The colorlessness of the real world is contrasted with Abby’s bold dreams, in which she is a knight in shining armor, slaying dragons and finding jewels. The opening spread shows Abby’s dream in technicolor: “I used to dream of dragons. I would find them, snug inside damp caverns. panting pacing When I sliced through them they would release their riches in a stinking swell of gore and glittering jewels… and I, beneath… would find stillness in the hot viscera.” You don’t have to be a psychologist to decode Abby: she puts herself in armor, as she has had to create a carapace in her humdrum daily life. As for the “panting” and the “damp caverns”; well, I’m sure I don’t need to spell it out, but let’s just say that Abby is a little bi-curious.

The imaginative and the real collide. Crystal starts to draw pictures of her mother who “lives in the water” and says that she’s “going to live with her someday” — David has an irrational fear of Crystal being in the lake, and Abby develops a theory about the ex-wife, who visits her in dreams. It leads to a terrifying climax which makes us reconsider what has gone before.

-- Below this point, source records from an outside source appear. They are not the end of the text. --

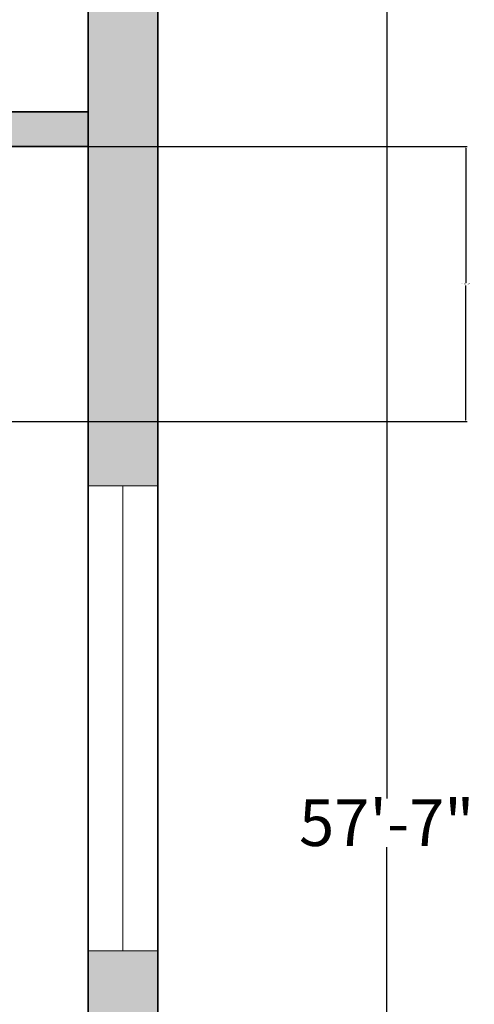
# Model space of a CAD drawing. Units: inches. Extents: x -15 to 423, y -713 to 71.
# Tile 17 of 24: x 364 to 423, y -351 to -224. Entities that reach past the tile are written whole.
import ezdxf

# ---------------------------------------------------------------- set-up
doc = ezdxf.new("R2010")
doc.units = ezdxf.units.IN
doc.header["$MEASUREMENT"] = 0
for name, color, linetype, lineweight in [('A-ANNO-DIMS', 2, 'Continuous', 18), ('A-GLAZ', 5, 'Continuous', 18), ('A-WALL', 7, 'Continuous', 35), ('A-WALL-PATT', 8, 'Continuous', 13)]:
    doc.layers.add(name, color=color, linetype=linetype, lineweight=lineweight)
doc.styles.get("Standard").update_dxf_attribs({"font": 'arial.ttf'})
doc.dimstyles.get("Standard").update_dxf_attribs({"dimtxt": 0.18, "dimasz": 0.18, "dimexe": 0.18, "dimexo": 0.0625, "dimgap": 0.09, "dimtad": 0, "dimtih": 1, "dimtoh": 1, "dimdec": 0, "dimzin": 0, "dimdsep": 46, "dimlunit": 3, "dimtxsty": 'Standard', "dimcen": 0.09, "dimadec": 0, "dimazin": 0, "dimtfac": 1, "dimtdec": 0, "dimtofl": 0, "dimtmove": 0, "dimatfit": 3, "dimfxl": 1, "dimtolj": 1, "dimtzin": 0, "dimarcsym": 0})

# ---------------------------------------------------------------- blocks, each defined once
blk = doc.blocks.new('*D9')
at = {"layer": 'A-ANNO-DIMS', "color": 0, "lineweight": -2, "transparency": 16777216}
for p, q in [((382.14, 17.5), (411.79, 17.5)), ((411.61, 17.32), (411.61, -324.61)), ((411.61, -672.82), (411.61, -330.89)), ((382.14, -673), (411.79, -673))]:
    blk.add_line(p, q, dxfattribs=at)
at = {"layer": 'A-ANNO-DIMS', "color": 0, "transparency": 16777216}
for points in [[(411.58, 17.32), (411.64, 17.32), (411.61, 17.5)], [(411.58, -672.82), (411.64, -672.82), (411.61, -673)]]:
    blk.add_solid(points, dxfattribs=at)
at = {"layer": 'Defpoints', "color": 0, "transparency": 16777216}
for p in [(382.08, 17.5), (382.08, -673), (411.61, -673)]:
    blk.add_point(p, dxfattribs=at)
at = {"layer": 'A-ANNO-DIMS', "color": 0, "transparency": 16777216, "insert": (411.61, -327.75), "char_height": 6, "attachment_point": 5}
blk.add_mtext('\\A1;57\'-7"', dxfattribs=at)
blk = doc.blocks.new('WINDOW-60IN')
for p, q in [((0, 9), (60, 9)), ((0, 0), (0, 9)), ((60, 9), (60, 0)), ((0, 4.5), (60, 4.5)), ((60, 0), (0, 0))]:
    blk.add_line(p, q)
blk = doc.blocks.new('*D38')
at = {"layer": 'A-ANNO-DIMS', "color": 0, "lineweight": -2, "transparency": 16777216}
for p, q in [((124.14, -240.5), (422.01, -240.5)), ((421.83, -240.68), (421.83, -258.06)), ((421.83, -275.8), (421.83, -258.42)), ((124.14, -275.98), (422.01, -275.98))]:
    blk.add_line(p, q, dxfattribs=at)
at = {"layer": 'A-ANNO-DIMS', "color": 0, "transparency": 16777216}
for points in [[(421.8, -240.68), (421.86, -240.68), (421.83, -240.5)], [(421.8, -275.8), (421.86, -275.8), (421.83, -275.98)]]:
    blk.add_solid(points, dxfattribs=at)
at = {"layer": 'Defpoints', "color": 0, "transparency": 16777216}
for p in [(124.08, -240.5), (124.08, -275.98), (421.83, -275.98)]:
    blk.add_point(p, dxfattribs=at)
at = {"layer": 'A-ANNO-DIMS', "color": 0, "transparency": 16777216, "insert": (421.83, -258.24), "char_height": 0.18, "attachment_point": 5}
blk.add_mtext('\\A1;2\'-11 1/2"', dxfattribs=at)

msp = doc.modelspace()

# ---------------------------------------------------------------- hatches: boundary and pattern name
at = {"layer": 'A-WALL-PATT'}
h = msp.add_hatch(color=256, dxfattribs=at)
h.dxf.hatch_style = 1
h.paths.add_polyline_path([(34.08, -349.58), (25.08, -349.58), (25.08, -431), (34.08, -431)])
h.paths.add_polyline_path([(34.08, -467), (25.08, -467), (25.08, -673), (34.08, -673)])
h.paths.add_polyline_path([(373.08, -668.5), (182.08, -668.5), (182.08, -673), (373.08, -673)])
h.paths.add_polyline_path([(253.2, -597.5), (191.08, -597.5), (191.08, -594.5), (182.08, -594.5), (182.08, -606.5), (253.2, -606.5)])
h.paths.add_polyline_path([(373.08, -597.5), (313.2, -597.5), (313.2, -606.5), (373.08, -606.5)])
h.paths.add_polyline_path([(382.08, -545.55), (373.08, -545.55), (373.08, -673), (382.08, -673)])
h.paths.add_polyline_path([(139.08, -488), (34.08, -488), (34.08, -497), (139.08, -497), (139.08, -492.5)])
h.paths.add_polyline_path([(139.08, -396.5), (128.58, -396.5), (128.58, -352.79), (124.08, -352.79), (124.08, -396.5), (34.08, -396.5), (34.08, -410), (139.08, -410), (139.08, -403.25)])
h.paths.add_polyline_path([(191.08, -396.5), (179.08, -396.5), (179.08, -410), (182.08, -410), (182.08, -488), (179.08, -488), (179.08, -497), (182.08, -497), (182.08, -501.43), (191.08, -501.43)])
h.paths.add_polyline_path([(373.08, -396.5), (253.08, -396.5), (253.08, -393.5), (248.58, -393.5), (248.58, -401), (284.58, -401), (284.58, -404), (289.08, -404), (289.08, -401), (373.08, -401)])
h.paths.add_polyline_path([(373.08, -449), (289.08, -449), (289.08, -432), (286.83, -432), (284.58, -432), (284.58, -453.5), (373.08, -453.5)])
h.paths.add_polyline_path([(382.08, -344.27), (373.08, -344.27), (373.08, -413.68), (382.08, -413.68)])
h.paths.add_polyline_path([(382.08, -437.68), (373.08, -437.68), (373.08, -485.55), (382.08, -485.55)])
h.paths.add_polyline_path([(34.08, -188.26), (25.08, -188.26), (25.08, -289.58), (34.08, -289.58)])
h.paths.add_polyline_path([(164.08, -236), (34.08, -236), (34.08, -240.5), (124.08, -240.5), (124.08, -293.12), (128.58, -293.12), (128.58, -240.5), (164.08, -240.5), (164.08, -238.25)])
h.paths.add_polyline_path([(373.08, -236), (242.58, -236), (242.58, -238.25), (242.58, -240.5), (248.58, -240.5), (248.58, -353.5), (250.83, -353.5), (253.08, -353.5), (253.08, -240.5), (373.08, -240.5)])
h.paths.add_polyline_path([(382.08, -190.86), (373.08, -190.86), (373.08, -284.27), (382.08, -284.27)])
h.paths.add_polyline_path([(211.58, -80), (253.58, -80), (253.58, -77.75), (253.58, -75.5), (153.58, -75.5), (153.58, -77.75), (153.58, -80), (207.08, -80), (207.08, -236), (204.08, -236), (204.08, -240.5), (214.58, -240.5), (214.58, -236), (211.58, -236)])
h.paths.add_polyline_path([(34.08, 8.5), (70.36, 8.5), (70.36, 17.5), (25.08, 17.5), (25.08, -128.26), (34.08, -128.26)])
h.paths.add_polyline_path([(110.58, 17.5), (94.36, 17.5), (94.36, 8.5), (110.58, 8.5)])
h.paths.add_polyline_path([(296.58, 17.5), (110.58, 17.5), (110.58, 13), (296.58, 13)])
h.paths.add_polyline_path([(110.58, 8.5), (106.08, 8.5), (106.08, -75.5), (103.08, -75.5), (103.08, -80), (113.58, -80), (113.58, -77.75), (113.58, -75.5), (110.58, -75.5)])
h.paths.add_polyline_path([(75.08, -75.5), (34.08, -75.5), (34.08, -80), (75.08, -80), (75.08, -77.75)])
h.paths.add_polyline_path([(343.09, 17.5), (296.58, 17.5), (296.58, 13), (296.58, 8.5), (343.09, 8.5)])
h.paths.add_polyline_path([(304.08, -75.5), (301.08, -75.5), (301.08, 8.5), (296.58, 8.5), (296.58, -75.5), (293.58, -75.5), (293.58, -80), (304.08, -80)])
h.paths.add_polyline_path([(382.08, 17.5), (367.09, 17.5), (367.09, 8.5), (373.08, 8.5), (373.08, -130.86), (382.08, -130.86)])
h.paths.add_polyline_path([(373.08, -75.5), (332.08, -75.5), (332.08, -77.75), (332.08, -80), (373.08, -80)])

# ---------------------------------------------------------------- linework, layer by layer
at = {"layer": 'A-WALL'}
for p, q in [((382.08, 17.5), (382.08, -673)), ((373.08, 8.5), (373.08, -673)), ((242.58, -236), (373.08, -236)), ((253.08, -240.5), (373.08, -240.5))]:
    msp.add_line(p, q, dxfattribs=at)

# ---------------------------------------------------------------- block references
at = {"layer": 'A-GLAZ', "rotation": 90.00000000000011}
msp.add_blockref('WINDOW-60IN', (382.08, -344.27), dxfattribs=at)

# ---------------------------------------------------------------- dimensions: what is measured, and where the dimension line sits
at = {"layer": 'A-ANNO-DIMS'}
for base, p1, p2, override, picture, middle in [((411.6050599, -672.99989936), (382.08055573, 17.50010064), (382.08055573, -672.99989936), {"dimtxt": 6, "dimclrd": 0, "dimclre": 0, "dimclrt": 0}, '*D9', (411.6050599, -327.74989936)), ((421.83, -275.98), (124.08, -240.5), (124.08, -275.98), {"dimdec": 1, "dimlfac": 1, "dimrnd": 0, "dimzin": 1, "dimdsep": 46, "dimlunit": 4, "dimfrac": 2}, '*D38', (421.83, -258.24))]:
    dim = msp.add_linear_dim(base=base, p1=p1, p2=p2, angle=90, dimstyle='Standard', override=override, dxfattribs=at)
    dim.commit()
    dim.dimension.update_dxf_attribs({"geometry": picture, "text_midpoint": middle})

doc.saveas('drawing.dxf')
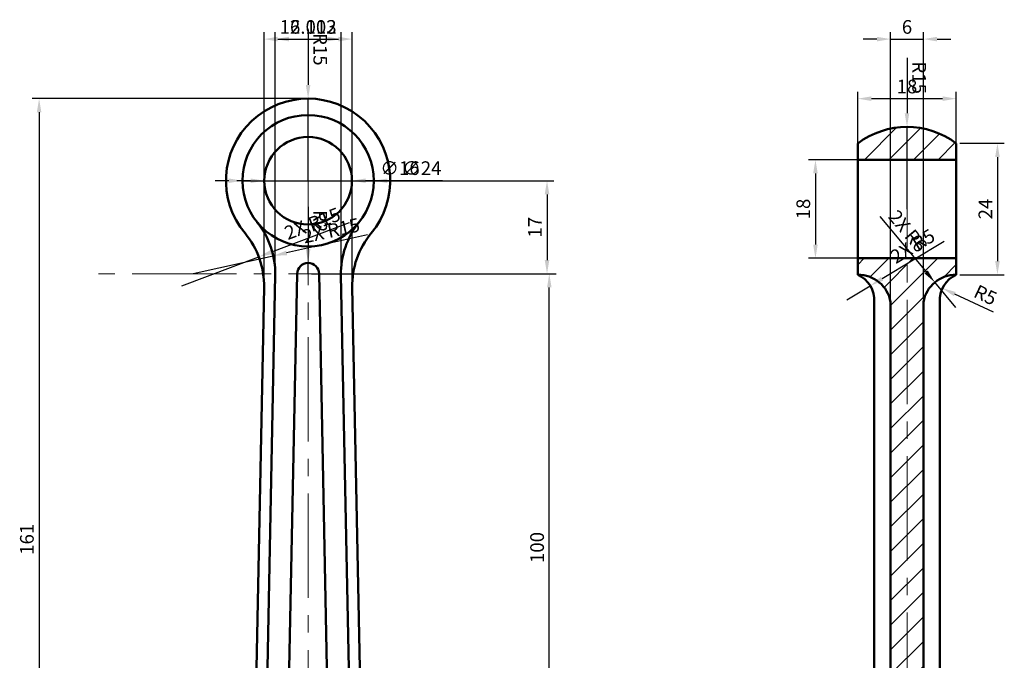
# Model space of a CAD drawing. Units: millimetres. Extents: x 2995 to 3180, y 2734 to 2968.
# Tile 3 of 3: x 2995 to 3175, y 2851 to 2968. Entities that reach past the tile are written whole.
import ezdxf

# ---------------------------------------------------------------- set-up
doc = ezdxf.new("R2010")
doc.units = ezdxf.units.MM
doc.linetypes.add('CENTER2', pattern=[28.575, 19.05, -3.175, 3.175, -3.175])
for name, color, linetype, lineweight in [('M-CNTR', 1, 'CENTER2', 18), ('M-DIMS', 2, 'Continuous', 25), ('M-HATC', 8, 'Continuous', 18), ('M-OUTL', 7, 'Continuous', 50)]:
    doc.layers.add(name, color=color, linetype=linetype, lineweight=lineweight)
doc.styles.get("Standard").update_dxf_attribs({"font": 'arial.ttf'})
doc.dimstyles.new('ISO-25', dxfattribs={"dimtxt": 2.5, "dimasz": 2.5, "dimexe": 1.25, "dimexo": 0.625, "dimtad": 1, "dimtxsty": 'Standard', "dimcen": 2.5, "dimadec": 0, "dimazin": 0, "dimtfac": 1, "dimtmove": 0, "dimatfit": 3, "dimfxl": 1, "dimarcsym": 0})

# ---------------------------------------------------------------- blocks, each defined once
blk = doc.blocks.new('*D15')
at = {"layer": 'Defpoints', "color": 0, "transparency": 16777216}
for p in [(3049.54, 2921.77), (3091.59, 2921.77), (3047.54, 2821.77)]:
    blk.add_point(p, dxfattribs=at)
at = {"layer": 'M-DIMS', "color": 0, "lineweight": -2, "transparency": 16777216}
for p, q in [((3050.17, 2921.77), (3092.84, 2921.77)), ((3091.59, 2824.27), (3091.59, 2919.27)), ((3048.17, 2821.77), (3092.84, 2821.77))]:
    blk.add_line(p, q, dxfattribs=at)
at = {"layer": 'M-DIMS', "color": 0, "transparency": 16777216}
for points in [[(3091.18, 2919.27), (3092.01, 2919.27), (3091.59, 2921.77)], [(3091.18, 2824.27), (3092.01, 2824.27), (3091.59, 2821.77)]]:
    blk.add_solid(points, dxfattribs=at)
at = {"layer": 'M-DIMS', "color": 0, "transparency": 16777216, "insert": (3089.69, 2871.77), "char_height": 2.5, "attachment_point": 5, "rotation": 90}
blk.add_mtext('100', dxfattribs=at)
blk = doc.blocks.new('*D16')
at = {"layer": 'Defpoints', "color": 0, "transparency": 16777216}
for p in [(3047.54, 2938.77), (3047.54, 2921.77), (3091.18, 2921.77)]:
    blk.add_point(p, dxfattribs=at)
at = {"layer": 'M-DIMS', "color": 0, "lineweight": -2, "transparency": 16777216}
for p, q in [((3048.17, 2938.77), (3092.43, 2938.77)), ((3091.18, 2936.27), (3091.18, 2924.27)), ((3048.17, 2921.77), (3092.43, 2921.77))]:
    blk.add_line(p, q, dxfattribs=at)
at = {"layer": 'M-DIMS', "color": 0, "transparency": 16777216}
for points in [[(3090.76, 2936.27), (3091.6, 2936.27), (3091.18, 2938.77)], [(3090.76, 2924.27), (3091.6, 2924.27), (3091.18, 2921.77)]]:
    blk.add_solid(points, dxfattribs=at)
at = {"layer": 'M-DIMS', "color": 0, "transparency": 16777216, "insert": (3089.3, 2930.27), "char_height": 2.5, "attachment_point": 5, "rotation": 90}
blk.add_mtext('17', dxfattribs=at)
blk = doc.blocks.new('*D17')
at = {"layer": 'Defpoints', "color": 0, "transparency": 16777216}
for p in [(3165.93, 2942.6), (3140.21, 2924.6), (3165.93, 2924.6)]:
    blk.add_point(p, dxfattribs=at)
at = {"layer": 'M-DIMS', "color": 0, "lineweight": -2, "transparency": 16777216}
for p, q in [((3165.31, 2942.6), (3138.96, 2942.6)), ((3140.21, 2940.1), (3140.21, 2927.1)), ((3165.31, 2924.6), (3138.96, 2924.6))]:
    blk.add_line(p, q, dxfattribs=at)
at = {"layer": 'M-DIMS', "color": 0, "transparency": 16777216}
for points in [[(3139.79, 2940.1), (3140.62, 2940.1), (3140.21, 2942.6)], [(3139.79, 2927.1), (3140.62, 2927.1), (3140.21, 2924.6)]]:
    blk.add_solid(points, dxfattribs=at)
at = {"layer": 'M-DIMS', "color": 0, "transparency": 16777216, "insert": (3138.31, 2933.6), "char_height": 2.5, "attachment_point": 5, "rotation": 90}
blk.add_mtext('18', dxfattribs=at)
blk = doc.blocks.new('*D18')
at = {"layer": 'Defpoints', "color": 0, "transparency": 16777216}
for p in [(3165.93, 2945.6), (3165.93, 2921.6), (3173.45, 2921.6)]:
    blk.add_point(p, dxfattribs=at)
at = {"layer": 'M-DIMS', "color": 0, "lineweight": -2, "transparency": 16777216}
for p, q in [((3166.56, 2945.6), (3174.7, 2945.6)), ((3173.45, 2943.1), (3173.45, 2924.1)), ((3166.56, 2921.6), (3174.7, 2921.6))]:
    blk.add_line(p, q, dxfattribs=at)
at = {"layer": 'M-DIMS', "color": 0, "transparency": 16777216}
for points in [[(3173.03, 2943.1), (3173.87, 2943.1), (3173.45, 2945.6)], [(3173.03, 2924.1), (3173.87, 2924.1), (3173.45, 2921.6)]]:
    blk.add_solid(points, dxfattribs=at)
at = {"layer": 'M-DIMS', "color": 0, "transparency": 16777216, "insert": (3171.57, 2933.6), "char_height": 2.5, "attachment_point": 5, "rotation": 90}
blk.add_mtext('24', dxfattribs=at)
blk = doc.blocks.new('*D19')
at = {"layer": 'Defpoints', "color": 0, "transparency": 16777216}
for p in [(3165.93, 2953.76), (3147.93, 2942.6), (3165.93, 2942.6)]:
    blk.add_point(p, dxfattribs=at)
at = {"layer": 'M-DIMS', "color": 0, "lineweight": -2, "transparency": 16777216}
for p, q in [((3147.93, 2943.22), (3147.93, 2955.01)), ((3165.93, 2943.22), (3165.93, 2955.01)), ((3150.43, 2953.76), (3163.43, 2953.76))]:
    blk.add_line(p, q, dxfattribs=at)
at = {"layer": 'M-DIMS', "color": 0, "transparency": 16777216}
for points in [[(3150.43, 2954.18), (3150.43, 2953.34), (3147.93, 2953.76)], [(3163.43, 2954.18), (3163.43, 2953.34), (3165.93, 2953.76)]]:
    blk.add_solid(points, dxfattribs=at)
at = {"layer": 'M-DIMS', "color": 0, "transparency": 16777216, "insert": (3156.93, 2955.66), "char_height": 2.5, "attachment_point": 5}
blk.add_mtext('18', dxfattribs=at)
blk = doc.blocks.new('*D25')
at = {"layer": 'Defpoints', "color": 0, "transparency": 16777216}
for p in [(3163.39, 2919.13), (3167.91, 2917.01)]:
    blk.add_point(p, dxfattribs=at)
at = {"layer": 'M-DIMS', "color": 0, "lineweight": -2, "transparency": 16777216}
blk.add_line((3172.71, 2914.76), (3165.65, 2918.07), dxfattribs=at)
at = {"layer": 'M-DIMS', "color": 0, "transparency": 16777216}
blk.add_solid([(3165.83, 2918.45), (3165.47, 2917.69), (3163.39, 2919.13)], dxfattribs=at)
at = {"layer": 'M-DIMS', "color": 0, "transparency": 16777216, "insert": (3171.12, 2917.6), "char_height": 2.5, "attachment_point": 5, "rotation": 334.8621}
blk.add_mtext('R5', dxfattribs=at)
blk = doc.blocks.new('*D28')
at = {"layer": 'Defpoints', "color": 0, "transparency": 16777216}
for p in [(3047.54, 2953.77), (2998.41, 2792.77), (3017.54, 2792.77)]:
    blk.add_point(p, dxfattribs=at)
at = {"layer": 'M-DIMS', "color": 0, "lineweight": -2, "transparency": 16777216}
for p, q in [((3046.92, 2953.77), (2997.16, 2953.77)), ((2998.41, 2951.27), (2998.41, 2795.27)), ((3016.92, 2792.77), (2997.16, 2792.77))]:
    blk.add_line(p, q, dxfattribs=at)
at = {"layer": 'M-DIMS', "color": 0, "transparency": 16777216}
for points in [[(2997.99, 2951.27), (2998.82, 2951.27), (2998.41, 2953.77)], [(2997.99, 2795.27), (2998.82, 2795.27), (2998.41, 2792.77)]]:
    blk.add_solid(points, dxfattribs=at)
at = {"layer": 'M-DIMS', "color": 0, "transparency": 16777216, "insert": (2996.5, 2873.27), "char_height": 2.5, "attachment_point": 5, "rotation": 90}
blk.add_mtext('161', dxfattribs=at)
blk = doc.blocks.new('*D30')
at = {"layer": 'Defpoints', "color": 0, "transparency": 16777216}
for p in [(3053.55, 2964.64), (3041.54, 2921.5), (3053.55, 2921.5)]:
    blk.add_point(p, dxfattribs=at)
at = {"layer": 'M-DIMS', "color": 0, "lineweight": -2, "transparency": 16777216}
for p, q in [((3041.54, 2922.12), (3041.54, 2965.89)), ((3053.55, 2922.12), (3053.55, 2965.89)), ((3044.04, 2964.64), (3051.05, 2964.64))]:
    blk.add_line(p, q, dxfattribs=at)
at = {"layer": 'M-DIMS', "color": 0, "transparency": 16777216}
for points in [[(3044.04, 2965.06), (3044.04, 2964.22), (3041.54, 2964.64)], [(3051.05, 2965.06), (3051.05, 2964.22), (3053.55, 2964.64)]]:
    blk.add_solid(points, dxfattribs=at)
at = {"layer": 'M-DIMS', "color": 0, "transparency": 16777216, "insert": (3047.54, 2966.54), "char_height": 2.5, "attachment_point": 5}
blk.add_mtext('12.012', dxfattribs=at)
blk = doc.blocks.new('*D31')
at = {"layer": 'Defpoints', "color": 0, "transparency": 16777216}
for p in [(3055.59, 2964.64), (3039.49, 2919.26), (3055.59, 2919.26)]:
    blk.add_point(p, dxfattribs=at)
at = {"layer": 'M-DIMS', "color": 0, "lineweight": -2, "transparency": 16777216}
for p, q in [((3039.49, 2919.89), (3039.49, 2965.89)), ((3055.59, 2919.89), (3055.59, 2965.89)), ((3041.99, 2964.64), (3053.09, 2964.64))]:
    blk.add_line(p, q, dxfattribs=at)
at = {"layer": 'M-DIMS', "color": 0, "transparency": 16777216}
for points in [[(3041.99, 2965.06), (3041.99, 2964.22), (3039.49, 2964.64)], [(3053.09, 2965.06), (3053.09, 2964.22), (3055.59, 2964.64)]]:
    blk.add_solid(points, dxfattribs=at)
at = {"layer": 'M-DIMS', "color": 0, "transparency": 16777216, "insert": (3047.54, 2966.54), "char_height": 2.5, "attachment_point": 5}
blk.add_mtext('16.103', dxfattribs=at)
blk = doc.blocks.new('*D35')
at = {"layer": 'Defpoints', "color": 0, "transparency": 16777216}
for p in [(3150.93, 2916.6), (3162.93, 2916.6), (3162.93, 2735.39)]:
    blk.add_point(p, dxfattribs=at)
at = {"layer": 'M-DIMS', "color": 0, "lineweight": -2, "transparency": 16777216}
for p, q in [((3150.93, 2915.97), (3150.93, 2734.14)), ((3162.93, 2915.97), (3162.93, 2734.14)), ((3153.43, 2735.39), (3160.43, 2735.39))]:
    blk.add_line(p, q, dxfattribs=at)
at = {"layer": 'M-DIMS', "color": 0, "transparency": 16777216}
for points in [[(3153.43, 2735.81), (3153.43, 2734.98), (3150.93, 2735.39)], [(3160.43, 2735.81), (3160.43, 2734.98), (3162.93, 2735.39)]]:
    blk.add_solid(points, dxfattribs=at)
at = {"layer": 'M-DIMS', "color": 0, "transparency": 16777216, "insert": (3156.93, 2737.27), "char_height": 2.5, "attachment_point": 5}
blk.add_mtext('12', dxfattribs=at)
blk = doc.blocks.new('*D36')
at = {"layer": 'Defpoints', "color": 0, "transparency": 16777216}
for p in [(3159.93, 2964.64), (3153.93, 2916.6), (3159.93, 2916.6)]:
    blk.add_point(p, dxfattribs=at)
at = {"layer": 'M-DIMS', "color": 0, "lineweight": -2, "transparency": 16777216}
for p, q in [((3153.93, 2917.22), (3153.93, 2965.89)), ((3159.93, 2917.22), (3159.93, 2965.89)), ((3151.43, 2964.64), (3148.93, 2964.64)), ((3153.93, 2964.64), (3159.93, 2964.64)), ((3162.43, 2964.64), (3164.93, 2964.64))]:
    blk.add_line(p, q, dxfattribs=at)
at = {"layer": 'M-DIMS', "color": 0, "transparency": 16777216}
for points in [[(3151.43, 2965.06), (3151.43, 2964.22), (3153.93, 2964.64)], [(3162.43, 2965.06), (3162.43, 2964.22), (3159.93, 2964.64)]]:
    blk.add_solid(points, dxfattribs=at)
at = {"layer": 'M-DIMS', "color": 0, "transparency": 16777216, "insert": (3156.93, 2966.54), "char_height": 2.5, "attachment_point": 5}
blk.add_mtext('6', dxfattribs=at)
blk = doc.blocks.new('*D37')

This is also a literary work, partly a homage to Daphne du Maurier’s Rebecca, but there are also hints of Angela Carter’s re-imaginings of fairy tales, especially “The Bloody Chamber,” her version of Bluebeard’s castle. Meanwhile, David is reading a William Gibson science fiction novel, Count Zero. With A Guest in the House, Carroll has created a fabulous hybrid: a domestic drama welded onto a Gothic novel. It plays on our deepest fears. And boy, will it make you shiver.